- Episode no.: Season 5 Episode 5
- Directed by: Michael Goi
- Written by: Ned Martel
- Production code: 5ATS05
- Original air date: November 4, 2015
- Running time: 48 minutes

Guest appearances
- Finn Wittrock as Tristan Duffy; Mädchen Amick as Mrs. Ellison; Darren Criss as Justin; Robert Knepper as Lieutenant; Jessica Lu as Bronwyn; Lennon Henry as Holden Lowe; Kristen Ariza as Mrs. Pritchard; Mouzam Makkar as Nurse Leena;

Episode chronology
| ← Previous "Devil's Night" | Next → "Room 33" |
- American Horror Story: Hotel

= Room Service (American Horror Story) =

"Room Service" is the fifth episode of the fifth season of the anthology television series American Horror Story. It aired on November 4, 2015, on the cable network FX. This episode was written by Ned Martel and directed by Michael Goi.

==Plot==

Alex Lowe reaches Max Ellison's room in the hospital, who has gotten an infection from the measles, prompting the doctors to ask his mother to sign a DNR. Alex feeds on blood bags in a closet and injects some of her blood into Max, and saves him. Donovan and Iris meet Ramona Royale with the plan of making Iris their "inside man" to Elizabeth. At the hotel, Liz Taylor offers a drink to Iris, which turns out to be blood. Although Liz is excited about Iris' rebirth, the latter muses on her eternal life of being invisible.

Max runs to catch the school bus in a pirate costume, having eaten his parents in their kitchen. His class is decorating the classroom for Halloween, and his friend was worried about him. Max explains nearly dying from the measles, and while they lean in for a kiss, he bites her lip. The virus spreads, infecting other children, who kill the teacher and an administrator for their blood. The staff puts the school on lockdown, and a SWAT team escorts the infected children out of the school. Max's friend Maddy starts a fake story about a masked intruder, and the rest of the children follow suit.

At the police office, John Lowe tells his lieutenant about the Devil's Night, in spite of knowing how insane he sounds, and gets fired for instability. Social media personality Justin and his girlfriend check in wanting a discount for being famous. Iris leads them to Room 64, which they balk at. Downstairs, Elizabeth and Tristan Duffy head out costumed for the evening. They pass on a message for Will Drake that he is invited to join them for a party. Tristan and Elizabeth notice that Iris is nervous and smells different, which she writes off as Halloween stress.

Justin orders room service and mistreats Iris, which brings her to tears. They modify their order to pate, and Liz is happy to oblige them with cat food on a silver platter. Liz and Iris begin bonding, and the former confirms that she is not a gay man but a transgender woman. She recounts her married life as Nick Pryor in 1984, in Topeka, Kansas. She was a pharmaceutical representative for Eli Lilly, and used to hold transvestite sessions whenever she was on a business trip. Nick and two partners check into the Cortez, and he asks for a bottle of champagne, while the duo prepare to go to a party. The room service came with an unexpected visit from Elizabeth, who claims to have observed her since she walked into the hotel. Nick breaks down in front of Elizabeth, and she changes her into Liz Taylor. Elizabeth asks Liz to get some ice, and while coming back to the room, the two men humiliate her in the hallway, and Elizabeth kills them both. Liz never returned to Topeka, but she continued sending money earned from her new job at the hotel until her children turned 18. She insists that Iris teach the hipster couple some manners. The couple watch the news and continue complaining. Iris snaps and stabs them with a corkscrew and knife, and proceeds to feed on them.

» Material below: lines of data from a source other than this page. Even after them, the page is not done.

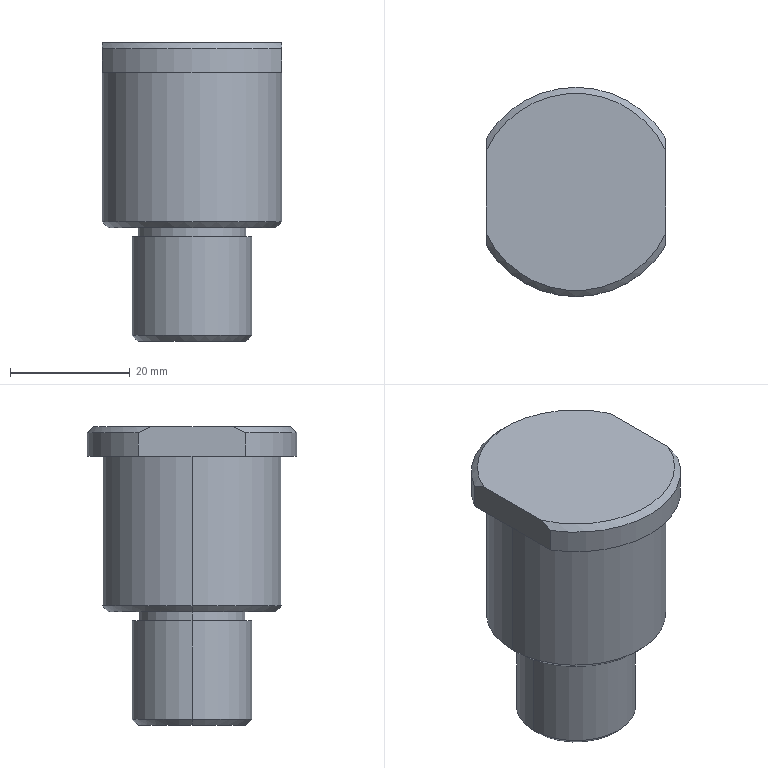Component | SolidWorks | M20Bolt1-1 | 1 solid | 22 faces | box 30 x 35 x 50 mm | volume 28650 mm3 | cylinder 8 | plane 8 | cone 6 | commonest cylinder face diameters 30 x2 18 x2 20 x2 35 x2
STEP:
#1=CARTESIAN_POINT('',(-3.691,40.171,0.315));
#2=VERTEX_POINT('',#1);
#3=CARTESIAN_POINT('',(-2.982,40.171,0.315));
#4=VERTEX_POINT('',#3);
#5=CARTESIAN_POINT('',(-3.336,40.171,0.315));
#6=DIRECTION('',(-0.,0.,-1.));
#7=DIRECTION('',(1.,0.,-0.));
#8=AXIS2_PLACEMENT_3D('',#5,#6,#7);
#9=CIRCLE('',#8,0.3543);
#10=EDGE_CURVE('',#2,#4,#9,.T.);
#11=ORIENTED_EDGE('',*,*,#10,.F.);
#12=CARTESIAN_POINT('',(-3.73,40.171,0.3543));
#13=VERTEX_POINT('',#12);
#14=CARTESIAN_POINT('',(-3.73,40.171,0.3543));
#15=DIRECTION('',(-0.7071,0.,0.7071));
#16=VECTOR('',#15,39.37);
#17=LINE('',#14,#16);
#18=EDGE_CURVE('',#2,#13,#17,.T.);
#19=ORIENTED_EDGE('',*,*,#18,.T.);
#20=CARTESIAN_POINT('',(-2.943,40.171,0.3543));
#21=VERTEX_POINT('',#20);
#22=CARTESIAN_POINT('',(-3.336,40.171,0.3543));
#23=DIRECTION('',(0.,0.,1.));
#24=DIRECTION('',(1.,0.,-0.));
#25=AXIS2_PLACEMENT_3D('',#22,#23,#24);
#26=CIRCLE('',#25,0.3937);
#27=EDGE_CURVE('',#21,#13,#26,.T.);
#28=ORIENTED_EDGE('',*,*,#27,.F.);
#29=CARTESIAN_POINT('',(-2.943,40.171,0.3543));
#30=DIRECTION('',(0.7071,0.,0.7071));
#31=VECTOR('',#30,39.37);
#32=LINE('',#29,#31);
#33=EDGE_CURVE('',#4,#21,#32,.T.);
#34=ORIENTED_EDGE('',*,*,#33,.F.);
#35=EDGE_LOOP('',(#11,#19,#28,#34));
#36=FACE_OUTER_BOUND('',#35,.T.);
#37=CARTESIAN_POINT('',(-3.336,40.171,0.3543));
#38=DIRECTION('',(0.,0.,1.));
#39=DIRECTION('',(1.,0.,-0.));
#40=AXIS2_PLACEMENT_3D('',#37,#38,#39);
#41=CONICAL_SURFACE('',#40,0.3937,0.7854);
#42=ADVANCED_FACE('',(#36),#41,.T.);
#43=CARTESIAN_POINT('',(-3.887,40.171,1.063));
#44=VERTEX_POINT('',#43);
#45=CARTESIAN_POINT('',(-2.785,40.171,1.063));
#46=VERTEX_POINT('',#45);
#47=CARTESIAN_POINT('',(-3.336,40.171,1.063));
#48=DIRECTION('',(-0.,0.,-1.));
#49=DIRECTION('',(1.,0.,-0.));
#50=AXIS2_PLACEMENT_3D('',#47,#48,#49);
#51=CIRCLE('',#50,0.5512);
#52=EDGE_CURVE('',#44,#46,#51,.T.);
#53=ORIENTED_EDGE('',*,*,#52,.F.);
#54=CARTESIAN_POINT('',(-3.927,40.171,1.102));
#55=VERTEX_POINT('',#54);
#56=CARTESIAN_POINT('',(-3.927,40.171,1.102));
#57=DIRECTION('',(-0.7071,0.,0.7071));
#58=VECTOR('',#57,39.37);
#59=LINE('',#56,#58);
#60=EDGE_CURVE('',#44,#55,#59,.T.);
#61=ORIENTED_EDGE('',*,*,#60,.T.);
#62=CARTESIAN_POINT('',(-2.746,40.171,1.102));
#63=VERTEX_POINT('',#62);
#64=CARTESIAN_POINT('',(-3.336,40.171,1.102));
#65=DIRECTION('',(0.,0.,1.));
#66=DIRECTION('',(1.,0.,-0.));
#67=AXIS2_PLACEMENT_3D('',#64,#65,#66);
#68=CIRCLE('',#67,0.5906);
#69=EDGE_CURVE('',#63,#55,#68,.T.);
#70=ORIENTED_EDGE('',*,*,#69,.F.);
#71=CARTESIAN_POINT('',(-2.746,40.171,1.102));
#72=DIRECTION('',(0.7071,0.,0.7071));
#73=VECTOR('',#72,39.37);
#74=LINE('',#71,#73);
#75=EDGE_CURVE('',#46,#63,#74,.T.);
#76=ORIENTED_EDGE('',*,*,#75,.F.);
#77=EDGE_LOOP('',(#53,#61,#70,#76));
#78=FACE_OUTER_BOUND('',#77,.T.);
#79=CARTESIAN_POINT('',(-3.336,40.171,1.102));
#80=DIRECTION('',(0.,0.,1.));
#81=DIRECTION('',(1.,0.,-0.));
#82=AXIS2_PLACEMENT_3D('',#79,#80,#81);
#83=CONICAL_SURFACE('',#82,0.5906,0.7854);
#84=ADVANCED_FACE('',(#78),#83,.T.);
#85=ORIENTED_EDGE('',*,*,#69,.T.);
#86=CARTESIAN_POINT('',(-3.927,40.171,2.087));
#87=VERTEX_POINT('',#86);
#88=CARTESIAN_POINT('',(-3.927,40.171,2.283));
#89=DIRECTION('',(0.,0.,1.));
#90=VECTOR('',#89,39.37);
#91=LINE('',#88,#90);
#92=EDGE_CURVE('',#55,#87,#91,.T.);
#93=ORIENTED_EDGE('',*,*,#92,.T.);
#94=CARTESIAN_POINT('',(-2.746,40.171,2.087));
#95=VERTEX_POINT('',#94);
#96=CARTESIAN_POINT('',(-3.336,40.171,2.087));
#97=DIRECTION('',(0.,0.,1.));
#98=DIRECTION('',(1.,0.,-0.));
#99=AXIS2_PLACEMENT_3D('',#96,#97,#98);
#100=CIRCLE('',#99,0.5906);
#101=EDGE_CURVE('',#95,#87,#100,.T.);
#102=ORIENTED_EDGE('',*,*,#101,.F.);
#103=CARTESIAN_POINT('',(-2.746,40.171,2.283));
#104=DIRECTION('',(0.,0.,1.));
#105=VECTOR('',#104,39.37);
#106=LINE('',#103,#105);
#107=EDGE_CURVE('',#63,#95,#106,.T.);
#108=ORIENTED_EDGE('',*,*,#107,.F.);
#109=EDGE_LOOP('',(#85,#93,#102,#108));
#110=FACE_OUTER_BOUND('',#109,.T.);
#111=CARTESIAN_POINT('',(-3.336,40.171,2.283));
#112=DIRECTION('',(0.,0.,1.));
#113=DIRECTION('',(1.,0.,-0.));
#114=AXIS2_PLACEMENT_3D('',#111,#112,#113);
#115=CYLINDRICAL_SURFACE('',#114,0.5906);
#116=ADVANCED_FACE('',(#110),#115,.T.);
#117=CARTESIAN_POINT('',(-2.982,40.171,1.004));
#118=VERTEX_POINT('',#117);
#119=CARTESIAN_POINT('',(-3.691,40.171,1.004));
#120=VERTEX_POINT('',#119);
#121=CARTESIAN_POINT('',(-3.336,40.171,1.004));
#122=DIRECTION('',(0.,0.,1.));
#123=DIRECTION('',(1.,0.,-0.));
#124=AXIS2_PLACEMENT_3D('',#121,#122,#123);
#125=CIRCLE('',#124,0.3543);
#126=EDGE_CURVE('',#118,#120,#125,.T.);
#127=ORIENTED_EDGE('',*,*,#126,.T.);
#128=CARTESIAN_POINT('',(-3.691,40.171,1.063));
#129=VERTEX_POINT('',#128);
#130=CARTESIAN_POINT('',(-3.691,40.171,2.283));
#131=DIRECTION('',(0.,0.,1.));
#132=VECTOR('',#131,39.37);
#133=LINE('',#130,#132);
#134=EDGE_CURVE('',#120,#129,#133,.T.);
#135=ORIENTED_EDGE('',*,*,#134,.T.);
#136=CARTESIAN_POINT('',(-2.982,40.171,1.063));
#137=VERTEX_POINT('',#136);
#138=CARTESIAN_POINT('',(-3.336,40.171,1.063));
#139=DIRECTION('',(0.,0.,1.));
#140=DIRECTION('',(1.,0.,-0.));
#141=AXIS2_PLACEMENT_3D('',#138,#139,#140);
#142=CIRCLE('',#141,0.3543);
#143=EDGE_CURVE('',#137,#129,#142,.T.);
#144=ORIENTED_EDGE('',*,*,#143,.F.);
#145=CARTESIAN_POINT('',(-2.982,40.171,2.283));
#146=DIRECTION('',(0.,0.,1.));
#147=VECTOR('',#146,39.37);
#148=LINE('',#145,#147);
#149=EDGE_CURVE('',#118,#137,#148,.T.);
#150=ORIENTED_EDGE('',*,*,#149,.F.);
#151=EDGE_LOOP('',(#127,#135,#144,#150));
#152=FACE_OUTER_BOUND('',#151,.T.);
#153=CARTESIAN_POINT('',(-3.336,40.171,2.283));
#154=DIRECTION('',(0.,0.,1.));
#155=DIRECTION('',(1.,0.,-0.));
#156=AXIS2_PLACEMENT_3D('',#153,#154,#155);
#157=CYLINDRICAL_SURFACE('',#156,0.3543);
#158=ADVANCED_FACE('',(#152),#157,.T.);
#159=ORIENTED_EDGE('',*,*,#27,.T.);
#160=CARTESIAN_POINT('',(-3.73,40.171,1.004));
#161=VERTEX_POINT('',#160);
#162=CARTESIAN_POINT('',(-3.73,40.171,2.283));
#163=DIRECTION('',(0.,0.,1.));
#164=VECTOR('',#163,39.37);
#165=LINE('',#162,#164);
#166=EDGE_CURVE('',#13,#161,#165,.T.);
#167=ORIENTED_EDGE('',*,*,#166,.T.);
#168=CARTESIAN_POINT('',(-2.943,40.171,1.004));
#169=VERTEX_POINT('',#168);
#170=CARTESIAN_POINT('',(-3.336,40.171,1.004));
#171=DIRECTION('',(0.,0.,1.));
#172=DIRECTION('',(1.,0.,-0.));
#173=AXIS2_PLACEMENT_3D('',#170,#171,#172);
#174=CIRCLE('',#173,0.3937);
#175=EDGE_CURVE('',#169,#161,#174,.T.);
#176=ORIENTED_EDGE('',*,*,#175,.F.);
#177=CARTESIAN_POINT('',(-2.943,40.171,2.283));
#178=DIRECTION('',(0.,0.,1.));
#179=VECTOR('',#178,39.37);
#180=LINE('',#177,#179);
#181=EDGE_CURVE('',#21,#169,#180,.T.);
#182=ORIENTED_EDGE('',*,*,#181,.F.);
#183=EDGE_LOOP('',(#159,#167,#176,#182));
#184=FACE_OUTER_BOUND('',#183,.T.);
#185=CARTESIAN_POINT('',(-3.336,40.171,2.283));
#186=DIRECTION('',(0.,0.,1.));
#187=DIRECTION('',(1.,0.,-0.));
#188=AXIS2_PLACEMENT_3D('',#185,#186,#187);
#189=CYLINDRICAL_SURFACE('',#188,0.3937);
#190=ADVANCED_FACE('',(#184),#189,.T.);
#191=CARTESIAN_POINT('',(-3.927,40.526,2.087));
#192=VERTEX_POINT('',#191);
#193=CARTESIAN_POINT('',(-3.927,38.971,2.087));
#194=DIRECTION('',(0.,-1.,0.));
#195=VECTOR('',#194,39.37);
#196=LINE('',#193,#195);
#197=EDGE_CURVE('',#192,#87,#196,.T.);
#198=ORIENTED_EDGE('',*,*,#197,.F.);
#199=CARTESIAN_POINT('',(-2.746,40.526,2.087));
#200=VERTEX_POINT('',#199);
#201=CARTESIAN_POINT('',(-3.336,40.171,2.087));
#202=DIRECTION('',(0.,0.,1.));
#203=DIRECTION('',(1.,0.,-0.));
#204=AXIS2_PLACEMENT_3D('',#201,#202,#203);
#205=CIRCLE('',#204,0.689);
#206=EDGE_CURVE('',#200,#192,#205,.T.);
#207=ORIENTED_EDGE('',*,*,#206,.F.);
#208=CARTESIAN_POINT('',(-2.746,38.971,2.087));
#209=DIRECTION('',(0.,1.,0.));
#210=VECTOR('',#209,39.37);
#211=LINE('',#208,#210);
#212=EDGE_CURVE('',#95,#200,#211,.T.);
#213=ORIENTED_EDGE('',*,*,#212,.F.);
#214=ORIENTED_EDGE('',*,*,#101,.T.);
#215=EDGE_LOOP('',(#198,#207,#213,#214));
#216=FACE_OUTER_BOUND('',#215,.T.);
#217=CARTESIAN_POINT('',(-3.336,40.762,2.087));
#218=DIRECTION('',(0.,0.,1.));
#219=DIRECTION('',(1.,0.,-0.));
#220=AXIS2_PLACEMENT_3D('',#217,#218,#219);
#221=PLANE('',#220);
#222=ADVANCED_FACE('',(#216),#221,.F.);
#223=CARTESIAN_POINT('',(-3.927,39.817,2.087));
#224=VERTEX_POINT('',#223);
#225=CARTESIAN_POINT('',(-3.927,38.971,2.087));
#226=DIRECTION('',(0.,-1.,0.));
#227=VECTOR('',#226,39.37);
#228=LINE('',#225,#227);
#229=EDGE_CURVE('',#87,#224,#228,.T.);
#230=ORIENTED_EDGE('',*,*,#229,.F.);
#231=CARTESIAN_POINT('',(-3.336,40.171,2.087));
#232=DIRECTION('',(0.,0.,1.));
#233=DIRECTION('',(1.,0.,-0.));
#234=AXIS2_PLACEMENT_3D('',#231,#232,#233);
#235=CIRCLE('',#234,0.5906);
#236=EDGE_CURVE('',#87,#95,#235,.T.);
#237=ORIENTED_EDGE('',*,*,#236,.T.);
#238=CARTESIAN_POINT('',(-2.746,39.817,2.087));
#239=VERTEX_POINT('',#238);
#240=CARTESIAN_POINT('',(-2.746,38.971,2.087));
#241=DIRECTION('',(0.,1.,0.));
#242=VECTOR('',#241,39.37);
#243=LINE('',#240,#242);
#244=EDGE_CURVE('',#239,#95,#243,.T.);
#245=ORIENTED_EDGE('',*,*,#244,.F.);
#246=CARTESIAN_POINT('',(-3.336,40.171,2.087));
#247=DIRECTION('',(0.,0.,1.));
#248=DIRECTION('',(1.,0.,-0.));
#249=AXIS2_PLACEMENT_3D('',#246,#247,#248);
#250=CIRCLE('',#249,0.689);
#251=EDGE_CURVE('',#224,#239,#250,.T.);
#252=ORIENTED_EDGE('',*,*,#251,.F.);
#253=EDGE_LOOP('',(#230,#237,#245,#252));
#254=FACE_OUTER_BOUND('',#253,.T.);
#255=CARTESIAN_POINT('',(-3.336,40.762,2.087));
#256=DIRECTION('',(0.,0.,1.));
#257=DIRECTION('',(1.,0.,-0.));
#258=AXIS2_PLACEMENT_3D('',#255,#256,#257);
#259=PLANE('',#258);
#260=ADVANCED_FACE('',(#254),#259,.F.);
#261=CARTESIAN_POINT('',(-3.927,39.817,2.244));
#262=VERTEX_POINT('',#261);
#263=CARTESIAN_POINT('',(-3.927,39.817,2.283));
#264=DIRECTION('',(0.,0.,1.));
#265=VECTOR('',#264,39.37);
#266=LINE('',#263,#265);
#267=EDGE_CURVE('',#224,#262,#266,.T.);
#268=ORIENTED_EDGE('',*,*,#267,.F.);
#269=ORIENTED_EDGE('',*,*,#251,.T.);
#270=CARTESIAN_POINT('',(-2.746,39.817,2.244));
#271=VERTEX_POINT('',#270);
#272=CARTESIAN_POINT('',(-2.746,39.817,2.283));
#273=DIRECTION('',(-0.,0.,-1.));
#274=VECTOR('',#273,39.37);
#275=LINE('',#272,#274);
#276=EDGE_CURVE('',#271,#239,#275,.T.);
#277=ORIENTED_EDGE('',*,*,#276,.F.);
#278=CARTESIAN_POINT('',(-3.336,40.171,2.244));
#279=DIRECTION('',(-0.,0.,-1.));
#280=DIRECTION('',(-1.,0.,0.));
#281=AXIS2_PLACEMENT_3D('',#278,#279,#280);
#282=CIRCLE('',#281,0.689);
#283=EDGE_CURVE('',#271,#262,#282,.T.);
#284=ORIENTED_EDGE('',*,*,#283,.T.);
#285=EDGE_LOOP('',(#268,#269,#277,#284));
#286=FACE_OUTER_BOUND('',#285,.T.);
#287=CARTESIAN_POINT('',(-3.336,40.171,2.283));
#288=DIRECTION('',(0.,0.,1.));
#289=DIRECTION('',(1.,0.,-0.));
#290=AXIS2_PLACEMENT_3D('',#287,#288,#289);
#291=CYLINDRICAL_SURFACE('',#290,0.689);
#292=ADVANCED_FACE('',(#286),#291,.T.);
#293=CARTESIAN_POINT('',(-3.927,40.526,2.244));
#294=VERTEX_POINT('',#293);
#295=CARTESIAN_POINT('',(-3.927,40.526,2.283));
#296=DIRECTION('',(-0.,0.,-1.));
#297=VECTOR('',#296,39.37);
#298=LINE('',#295,#297);
#299=EDGE_CURVE('',#294,#192,#298,.T.);
#300=ORIENTED_EDGE('',*,*,#299,.F.);
#301=CARTESIAN_POINT('',(-2.746,40.526,2.244));
#302=VERTEX_POINT('',#301);
#303=CARTESIAN_POINT('',(-3.336,40.171,2.244));
#304=DIRECTION('',(-0.,0.,-1.));
#305=DIRECTION('',(-1.,0.,0.));
#306=AXIS2_PLACEMENT_3D('',#303,#304,#305);
#307=CIRCLE('',#306,0.689);
#308=EDGE_CURVE('',#294,#302,#307,.T.);
#309=ORIENTED_EDGE('',*,*,#308,.T.);
#310=CARTESIAN_POINT('',(-2.746,40.526,2.283));
#311=DIRECTION('',(0.,0.,1.));
#312=VECTOR('',#311,39.37);
#313=LINE('',#310,#312);
#314=EDGE_CURVE('',#200,#302,#313,.T.);
#315=ORIENTED_EDGE('',*,*,#314,.F.);
#316=ORIENTED_EDGE('',*,*,#206,.T.);
#317=EDGE_LOOP('',(#300,#309,#315,#316));
#318=FACE_OUTER_BOUND('',#317,.T.);
#319=CARTESIAN_POINT('',(-3.336,40.171,2.283));
#320=DIRECTION('',(0.,0.,1.));
#321=DIRECTION('',(1.,0.,-0.));
#322=AXIS2_PLACEMENT_3D('',#319,#320,#321);
#323=CYLINDRICAL_SURFACE('',#322,0.689);
#324=ADVANCED_FACE('',(#318),#323,.T.);
#325=CARTESIAN_POINT('',(-3.927,40.442,2.283));
#326=VERTEX_POINT('',#325);
#327=CARTESIAN_POINT('',(-3.927,39.901,2.283));
#328=VERTEX_POINT('',#327);
#329=CARTESIAN_POINT('',(-3.927,38.971,2.283));
#330=DIRECTION('',(0.,-1.,0.));
#331=VECTOR('',#330,39.37);
#332=LINE('',#329,#331);
#333=EDGE_CURVE('',#326,#328,#332,.T.);
#334=ORIENTED_EDGE('',*,*,#333,.T.);
#335=CARTESIAN_POINT('',(-2.746,39.901,2.283));
#336=VERTEX_POINT('',#335);
#337=CARTESIAN_POINT('',(-3.336,40.171,2.283));
#338=DIRECTION('',(0.,0.,1.));
#339=DIRECTION('',(-1.,0.,0.));
#340=AXIS2_PLACEMENT_3D('',#337,#338,#339);
#341=CIRCLE('',#340,0.6496);
#342=EDGE_CURVE('',#328,#336,#341,.T.);
#343=ORIENTED_EDGE('',*,*,#342,.T.);
#344=CARTESIAN_POINT('',(-2.746,40.442,2.283));
#345=VERTEX_POINT('',#344);
#346=CARTESIAN_POINT('',(-2.746,38.971,2.283));
#347=DIRECTION('',(0.,1.,0.));
#348=VECTOR('',#347,39.37);
#349=LINE('',#346,#348);
#350=EDGE_CURVE('',#336,#345,#349,.T.);
#351=ORIENTED_EDGE('',*,*,#350,.T.);
#352=CARTESIAN_POINT('',(-3.336,40.171,2.283));
#353=DIRECTION('',(0.,0.,1.));
#354=DIRECTION('',(-1.,0.,0.));
#355=AXIS2_PLACEMENT_3D('',#352,#353,#354);
#356=CIRCLE('',#355,0.6496);
#357=EDGE_CURVE('',#345,#326,#356,.T.);
#358=ORIENTED_EDGE('',*,*,#357,.T.);
#359=EDGE_LOOP('',(#334,#343,#351,#358));
#360=FACE_OUTER_BOUND('',#359,.T.);
#361=CARTESIAN_POINT('',(-3.336,40.86,2.283));
#362=DIRECTION('',(-0.,0.,-1.));
#363=DIRECTION('',(-1.,0.,0.));
#364=AXIS2_PLACEMENT_3D('',#361,#362,#363);
#365=PLANE('',#364);
#366=ADVANCED_FACE('',(#360),#365,.F.);
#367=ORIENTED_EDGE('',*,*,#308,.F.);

John awakes in bed with Sally. She claims he dragged her into his room from the bar to have sex. John denies doing any of it and leaves Sally in the room, who shouts that it is their destiny to do it again and again. Iris thanks Liz for inspiring her, and they wheel the hipsters to the cadaver chute. Holden notices Alex has been turned. She starts working as the children's new governess and is concerned about John's presence in the hotel. Elizabeth tells Alex that she will have eternity with Holden, and the two share a coffin.

==Reception==
"Room Service" was watched by 2.87 million people during its original broadcast, and gained a 1.5 ratings share among adults aged 18–49. It also ranked third in the Nielsen Social ratings, with 103,000 tweets seen by over 1.57 million people.

The episode received positive reviews from critics, earning a 73% approval rating based on 15 reviews, with an average score of 6.6/10, on Rotten Tomatoes. The critical consensus reads: "Though too many characters lead to extraneous subplots in "Room Service," one of Hotels best backstories emerges with Denis O'Hare's portrayal of Liz Taylor." The Atlantic named "Room Service" one of the best television episodes of 2015.